Most landowner or business owner attorneys begin and end their arguments with a citation to County of Contra Costa v. Pinole Point Properties, Inc. (1984) 27 Cal.App.4th 1105 [33 Cal.Rptr.2d 38]. The Pinole Point court held squarely that the condemnor can impeach the condemning agency's trial expert through an earlier appraisal report by that same expert. (Pinole Point, supra, 27 Cal.App.4th at pp. 1112-1113.)

Moreover, the official Law Revision Commission Comment, 1975 addition, contains some significant differences from the earlier Tentative Report. Unlike the Tentative Report, the official Comment does not explicitly address earlier reports by the witness him or herself. (Cal.
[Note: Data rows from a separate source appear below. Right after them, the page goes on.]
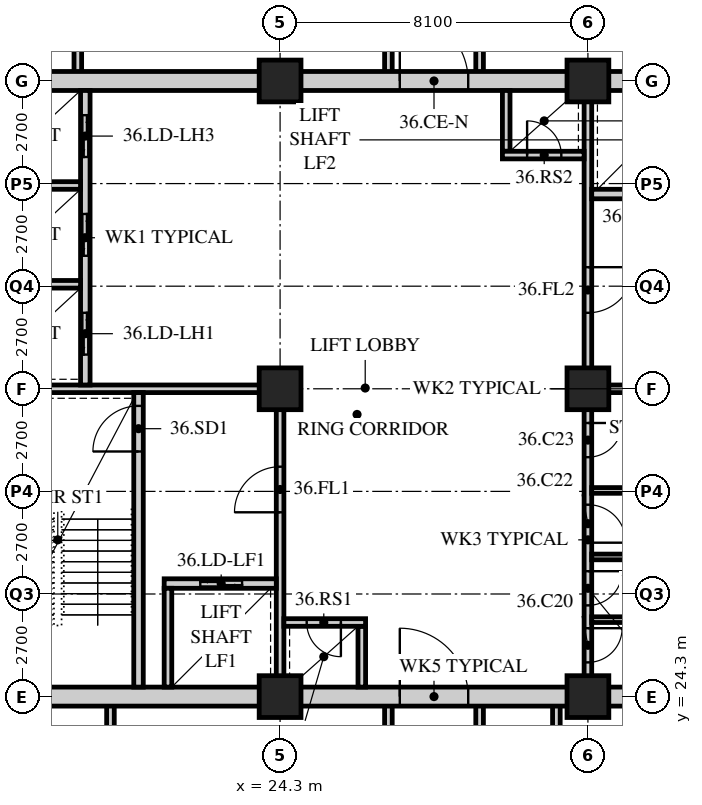
"""IFC4 building model, lengths in metres.
Left out: names, types, materials, properties, quantities, classifications, styles, units other than length and angle.
Written with IfcOpenShell. Run it as: python <this file> out.ifc"""

import sys

from ifc_helpers import new_model, si_unit, direction, frame, frame_2d, origin, origin_2d, place, context, subcontext, project, spatial, rectangle, hollow_rectangle, extrude, element, fill, save


model = new_model("IFC4")
c1 = context("Model", 3, precision=1e-05, world=origin(), true_north=direction((0.0, 1.0)))
c2 = subcontext(c1, "Body", "Model", "MODEL_VIEW")
j1 = project(units=[si_unit("LENGTHUNIT", "METRE"), si_unit("PLANEANGLEUNIT", "RADIAN")], contexts=[c1])
p1 = place(None, origin())
s1 = spatial("IfcSite", under=j1, at=p1, CompositionType="ELEMENT")
p2 = place(p1, origin())
s2 = spatial("IfcBuilding", under=s1, at=p2, CompositionType="ELEMENT")
p3 = place(p2, frame((0.0, 0.0, 140.8)))
s3 = spatial("IfcBuildingStorey", under=s2, at=p3, CompositionType="ELEMENT", Elevation=140.8)
for number, where, z_axis, x_axis in (
    (1, (24.3, 24.3, 0.0), (0.0, 0.0, 1.0), (1.0, 0.0, 0.0)),
    (2, (24.3, 32.4, 0.0), (0.0, 0.0, 1.0), (1.0, 0.0, 0.0)),
    (3, (24.3, 40.5, 0.0), (0.0, 0.0, 1.0), (1.0, 0.0, 0.0)),
    (4, (32.4, 24.3, 0.0), (0.0, 0.0, 1.0), (1.0, 0.0, 0.0)),
    (5, (32.4, 32.4, 0.0), (0.0, 0.0, 1.0), (1.0, 0.0, 0.0)),
    (6, (32.4, 40.5, 0.0), (0.0, 0.0, 1.0), (1.0, 0.0, 0.0)),
):
    element("IfcColumn", number, at=place(p3, frame(where, z_axis=z_axis, x_axis=x_axis)), inside=s3, PredefinedType="COLUMN", context=c2, shape_type="SweptSolid", body=[
        extrude(hollow_rectangle(XDim=1.1, YDim=1.1, WallThickness=0.1, at=origin_2d()), origin(), (0.0, 0.0, 1.0), 3.4),
    ])
for number, where, z_axis, x_axis in (
    (7, (19.836, 19.35, 0.0), (0.0, 0.0, 1.0), (0.0, 1.0, 0.0)),
    (8, (31.57, 19.35, 0.0), (0.0, 0.0, 1.0), (0.0, 1.0, 0.0)),
    (9, (27.15, 19.35, 0.0), (0.0, 0.0, 1.0), (0.0, 1.0, 0.0)),
    (10, (29.55, 19.35, 0.0), (0.0, 0.0, 1.0), (0.0, 1.0, 0.0)),
):
    element("IfcWall", number, at=place(p3, frame(where, z_axis=z_axis, x_axis=x_axis)), inside=s3, PredefinedType="SOLIDWALL", context=c2, shape_type="SweptSolid", body=[
        extrude(rectangle(XDim=4.95, YDim=0.2, at=frame_2d((2.475, 0.0))), origin(), (0.0, 0.0, 1.0), 3.19),
    ])
for number, where, z_axis, x_axis in (
    (11, (18.978, 44.1, 0.0), (0.0, 0.0, 1.0), (0.0, -1.0, 0.0)),
    (12, (27.15, 40.5, 0.0), (0.0, 0.0, 1.0), (0.0, 1.0, 0.0)),
    (13, (29.55, 40.5, 0.0), (0.0, 0.0, 1.0), (0.0, 1.0, 0.0)),
):
    element("IfcWall", number, at=place(p3, frame(where, z_axis=z_axis, x_axis=x_axis)), inside=s3, PredefinedType="SOLIDWALL", context=c2, shape_type="SweptSolid", body=[
        extrude(rectangle(XDim=3.6, YDim=0.2, at=frame_2d((1.8, 0.0))), origin(), (0.0, 0.0, 1.0), 3.19),
    ])
p4 = place(p3, frame((15.95, 24.3, 0.0), z_axis=(0.0, 0.0, 1.0), x_axis=(1.0, 0.0, 0.0)))
e14 = element("IfcWall", 14, at=p4, inside=s3, PredefinedType="SOLIDWALL", context=c2, shape_type="SweptSolid", body=[
    extrude(rectangle(XDim=24.8, YDim=0.5, at=frame_2d((12.4, 0.0))), origin(), (0.0, 0.0, 1.0), 2.54),
])
p5 = place(p4, frame((11.5, 0.0, 0.0)))
e15 = element("IfcOpeningElement", 15, at=p5, cuts=e14, PredefinedType="OPENING", context=c2, shape_type="SweptSolid", body=[
    extrude(rectangle(XDim=1.8, YDim=2.4, at=frame_2d((0.9, 1.2))), frame((0.0, 0.26, 0.0), z_axis=(0.0, -1.0, 0.0), x_axis=(1.0, 0.0, 0.0)), (0.0, 0.0, 1.0), 0.52),
])
p6 = place(p3, frame((15.95, 40.5, 0.0), z_axis=(0.0, 0.0, 1.0), x_axis=(1.0, 0.0, 0.0)))
e16 = element("IfcWall", 16, at=p6, inside=s3, PredefinedType="SOLIDWALL", context=c2, shape_type="SweptSolid", body=[
    extrude(rectangle(XDim=24.8, YDim=0.5, at=frame_2d((12.4, 0.0))), origin(), (0.0, 0.0, 1.0), 2.54),
])
p7 = place(p6, frame((11.5, 0.0, 0.0)))
e17 = element("IfcOpeningElement", 17, at=p7, cuts=e16, PredefinedType="OPENING", context=c2, shape_type="SweptSolid", body=[
    extrude(rectangle(XDim=1.8, YDim=2.4, at=frame_2d((0.9, 1.2))), frame((0.0, 0.26, 0.0), z_axis=(0.0, -1.0, 0.0), x_axis=(1.0, 0.0, 0.0)), (0.0, 0.0, 1.0), 0.52),
])
p8 = place(p3, frame((16.45, 32.4, 0.0), z_axis=(0.0, 0.0, 1.0), x_axis=(1.0, 0.0, 0.0)))
e18 = element("IfcWall", 18, at=p8, inside=s3, PredefinedType="SOLIDWALL", context=c2, shape_type="SweptSolid", body=[
    extrude(rectangle(XDim=7.95, YDim=0.2, at=frame_2d((3.975, 0.0))), origin(), (0.0, 0.0, 1.0), 2.578),
])
p9 = place(p3, frame((24.3, 24.55, 0.0), z_axis=(0.0, 0.0, 1.0), x_axis=(0.0, 1.0, 0.0)))
e19 = element("IfcWall", 19, at=p9, inside=s3, PredefinedType="SOLIDWALL", context=c2, shape_type="SweptSolid", body=[
    extrude(rectangle(XDim=7.75, YDim=0.2, at=frame_2d((3.875, 0.0))), origin(), (0.0, 0.0, 1.0), 2.578),
])
p10 = place(p9, frame((4.6, 0.0, 0.0)))
e20 = element("IfcOpeningElement", 20, at=p10, cuts=e19, PredefinedType="OPENING", context=c2, shape_type="SweptSolid", body=[
    extrude(rectangle(XDim=1.2, YDim=2.1, at=frame_2d((0.6, 1.05))), frame((0.0, 0.11, 0.0), z_axis=(0.0, -1.0, 0.0), x_axis=(1.0, 0.0, 0.0)), (0.0, 0.0, 1.0), 0.22),
])
p11 = place(p3, frame((20.575, 24.55, 0.0), z_axis=(0.0, 0.0, 1.0), x_axis=(0.0, 1.0, 0.0)))
e21 = element("IfcWall", 21, at=p11, inside=s3, PredefinedType="SOLIDWALL", context=c2, shape_type="SweptSolid", body=[
    extrude(rectangle(XDim=7.75, YDim=0.25, at=frame_2d((3.875, 0.0))), origin(), (0.0, 0.0, 1.0), 3.19),
])
p12 = place(p11, frame((6.2, 0.0, 0.0)))
e22 = element("IfcOpeningElement", 22, at=p12, cuts=e21, PredefinedType="OPENING", context=c2, shape_type="SweptSolid", body=[
    extrude(rectangle(XDim=1.2, YDim=2.1, at=frame_2d((0.6, 1.05))), frame((0.0, 0.135, 0.0), z_axis=(0.0, -1.0, 0.0), x_axis=(1.0, 0.0, 0.0)), (0.0, 0.0, 1.0), 0.27),
])
p13 = place(p3, frame((21.25, 27.275, 0.0), z_axis=(0.0, 0.0, 1.0), x_axis=(1.0, 0.0, 0.0)))
e23 = element("IfcWall", 23, at=p13, inside=s3, PredefinedType="SOLIDWALL", context=c2, shape_type="SweptSolid", body=[
    extrude(rectangle(XDim=2.95, YDim=0.25, at=frame_2d((1.475, 0.0))), origin(), (0.0, 0.0, 1.0), 3.19),
])
p14 = place(p13, frame((0.95, 0.0, 0.0)))
e24 = element("IfcOpeningElement", 24, at=p14, cuts=e23, PredefinedType="OPENING", context=c2, shape_type="SweptSolid", body=[
    extrude(rectangle(XDim=1.1, YDim=2.4, at=frame_2d((0.55, 1.2))), frame((0.0, 0.135, 0.0), z_axis=(0.0, -1.0, 0.0), x_axis=(1.0, 0.0, 0.0)), (0.0, 0.0, 1.0), 0.27),
])
p15 = place(p3, frame((21.35, 24.55, 0.0), z_axis=(0.0, 0.0, 1.0), x_axis=(0.0, 1.0, 0.0)))
e25 = element("IfcWall", 25, at=p15, inside=s3, PredefinedType="SOLIDWALL", context=c2, shape_type="SweptSolid", body=[
    extrude(rectangle(XDim=2.6, YDim=0.2, at=frame_2d((1.3, 0.0))), origin(), (0.0, 0.0, 1.0), 3.19),
])
p16 = place(p3, frame((19.175, 32.5, 0.0), z_axis=(0.0, 0.0, 1.0), x_axis=(0.0, 1.0, 0.0)))
e26 = element("IfcWall", 26, at=p16, inside=s3, PredefinedType="SOLIDWALL", context=c2, shape_type="SweptSolid", body=[
    extrude(rectangle(XDim=7.75, YDim=0.25, at=frame_2d((3.875, 0.0))), origin(), (0.0, 0.0, 1.0), 3.19),
])
p17 = place(p16, frame((0.8, 0.0, 0.0)))
e27 = element("IfcOpeningElement", 27, at=p17, cuts=e26, PredefinedType="OPENING", context=c2, shape_type="SweptSolid", body=[
    extrude(rectangle(XDim=1.1, YDim=2.4, at=frame_2d((0.55, 1.2))), frame((0.0, 0.135, 0.0), z_axis=(0.0, -1.0, 0.0), x_axis=(1.0, 0.0, 0.0)), (0.0, 0.0, 1.0), 0.27),
])
p18 = place(p16, frame((3.4, 0.0, 0.0)))
e28 = element("IfcOpeningElement", 28, at=p18, cuts=e26, PredefinedType="OPENING", context=c2, shape_type="SweptSolid", body=[
    extrude(rectangle(XDim=1.1, YDim=2.4, at=frame_2d((0.55, 1.2))), frame((0.0, 0.135, 0.0), z_axis=(0.0, -1.0, 0.0), x_axis=(1.0, 0.0, 0.0)), (0.0, 0.0, 1.0), 0.27),
])
p19 = place(p16, frame((6.0, 0.0, 0.0)))
e29 = element("IfcOpeningElement", 29, at=p19, cuts=e26, PredefinedType="OPENING", context=c2, shape_type="SweptSolid", body=[
    extrude(rectangle(XDim=1.1, YDim=2.4, at=frame_2d((0.55, 1.2))), frame((0.0, 0.135, 0.0), z_axis=(0.0, -1.0, 0.0), x_axis=(1.0, 0.0, 0.0)), (0.0, 0.0, 1.0), 0.27),
])
for number, where, z_axis, x_axis in (
    (30, (16.45, 35.15, 0.0), (0.0, 0.0, 1.0), (1.0, 0.0, 0.0)),
    (31, (16.45, 37.75, 0.0), (0.0, 0.0, 1.0), (1.0, 0.0, 0.0)),
):
    element("IfcWall", number, at=place(p3, frame(where, z_axis=z_axis, x_axis=x_axis)), inside=s3, PredefinedType="SOLIDWALL", context=c2, shape_type="SweptSolid", body=[
        extrude(rectangle(XDim=2.6, YDim=0.2, at=frame_2d((1.3, 0.0))), origin(), (0.0, 0.0, 1.0), 3.19),
    ])
p20 = place(p3, frame((26.45, 24.55, 0.0), z_axis=(0.0, 0.0, 1.0), x_axis=(0.0, 1.0, 0.0)))
e32 = element("IfcWall", 32, at=p20, inside=s3, PredefinedType="SOLIDWALL", context=c2, shape_type="SweptSolid", body=[
    extrude(rectangle(XDim=1.6, YDim=0.2, at=frame_2d((0.8, 0.0))), origin(), (0.0, 0.0, 1.0), 3.19),
])
p21 = place(p3, frame((24.4, 26.25, 0.0), z_axis=(0.0, 0.0, 1.0), x_axis=(1.0, 0.0, 0.0)))
e33 = element("IfcWall", 33, at=p21, inside=s3, PredefinedType="SOLIDWALL", context=c2, shape_type="SweptSolid", body=[
    extrude(rectangle(XDim=2.15, YDim=0.2, at=frame_2d((1.075, 0.0))), origin(), (0.0, 0.0, 1.0), 3.19),
])
p22 = place(p21, frame((0.6, 0.0, 0.0)))
e34 = element("IfcOpeningElement", 34, at=p22, cuts=e33, PredefinedType="OPENING", context=c2, shape_type="SweptSolid", body=[
    extrude(rectangle(XDim=0.9, YDim=2.1, at=frame_2d((0.45, 1.05))), frame((0.0, 0.11, 0.0), z_axis=(0.0, -1.0, 0.0), x_axis=(1.0, 0.0, 0.0)), (0.0, 0.0, 1.0), 0.22),
])
p23 = place(p3, frame((32.3, 32.4, 0.0), z_axis=(0.0, 0.0, 1.0), x_axis=(1.0, 0.0, 0.0)))
e35 = element("IfcWall", 35, at=p23, inside=s3, PredefinedType="SOLIDWALL", context=c2, shape_type="SweptSolid", body=[
    extrude(rectangle(XDim=7.95, YDim=0.2, at=frame_2d((3.975, 0.0))), origin(), (0.0, 0.0, 1.0), 2.578),
])
p24 = place(p3, frame((32.4, 32.5, 0.0), z_axis=(0.0, 0.0, 1.0), x_axis=(0.0, 1.0, 0.0)))
e36 = element("IfcWall", 36, at=p24, inside=s3, PredefinedType="SOLIDWALL", context=c2, shape_type="SweptSolid", body=[
    extrude(rectangle(XDim=7.75, YDim=0.2, at=frame_2d((3.875, 0.0))), origin(), (0.0, 0.0, 1.0), 2.578),
])
p25 = place(p24, frame((1.9, 0.0, 0.0)))
e37 = element("IfcOpeningElement", 37, at=p25, cuts=e36, PredefinedType="OPENING", context=c2, shape_type="SweptSolid", body=[
    extrude(rectangle(XDim=1.2, YDim=2.1, at=frame_2d((0.6, 1.05))), frame((0.0, 0.11, 0.0), z_axis=(0.0, -1.0, 0.0), x_axis=(1.0, 0.0, 0.0)), (0.0, 0.0, 1.0), 0.22),
])
p26 = place(p3, frame((32.5, 37.525, 0.0), z_axis=(0.0, 0.0, 1.0), x_axis=(1.0, 0.0, 0.0)))
e38 = element("IfcWall", 38, at=p26, inside=s3, PredefinedType="SOLIDWALL", context=c2, shape_type="SweptSolid", body=[
    extrude(rectangle(XDim=2.95, YDim=0.25, at=frame_2d((1.475, 0.0))), origin(), (0.0, 0.0, 1.0), 3.19),
])
p27 = place(p26, frame((0.9, 0.0, 0.0)))
e39 = element("IfcOpeningElement", 39, at=p27, cuts=e38, PredefinedType="OPENING", context=c2, shape_type="SweptSolid", body=[
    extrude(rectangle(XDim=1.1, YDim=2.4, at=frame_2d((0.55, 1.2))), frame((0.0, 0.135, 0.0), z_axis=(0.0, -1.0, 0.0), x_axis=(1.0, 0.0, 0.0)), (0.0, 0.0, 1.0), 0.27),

Law Revision Comment, 1975 addition, West's Ann. Code Civ. Proc., § 1255.060 (1982) pp. 691-692.)

Also, the leading California treatises contradict Nichols, the national treatise quoted above. (See 14 Dankert, Cal. Real Estate Law & Practice (1997) Prejudgment Possession, 505.06, p. 505-10; 1 Matteoni & Veit, Condemnation Practice in California (1997), Trial Preparation in Trial, § 9.62, p. 448.) Both cite Pinole Point as the applicable California rule.

Most important, the general law of expert discovery, both in California and federal courts, contradicts Nichols. One federal district court observed, "Discovery of the reports of experts, including reports embodying preliminary conclusions, can guard against the possibility of a sanitized presentation at trial, purged of less favorable opinions expressed at an earlier date." (Hewlett-Packard Co. v. Bausch & Lomb, Inc. (N.D. Cal. 1987) 116 F.R.D. 533, 537, affd. (Fed. Cir. 1990) 909 F.2d 1464, quoting Quadrini v. Sikorsky Aircraft (D. Conn. 1977) 74 F.R.D. 594, 595; but see Taylor v. Anderson-Tully Company (W.D. Tenn. 1993) 151 F.R.D. 295, 297 [disagreeing in part with Quadrini: "On balance, the court concludes that where there is no showing of any particularized need for such reports, such as might be the case in a particularly complex expert dispute, parties should not be required to produce their expert witness' reports which have been prepared in anticipation of litigation."].)


California trial courts are likely to compel production of preliminary reports of those experts designated to testify at trial. Public agencies should (1) insist that an appraiser complete his pre-litigation work carefully enough to withstand cross-examination in court; or (2) consider hiring different experts to testify at trial - - and avoid contaminating those trial experts with earlier, inconsistent reports from others.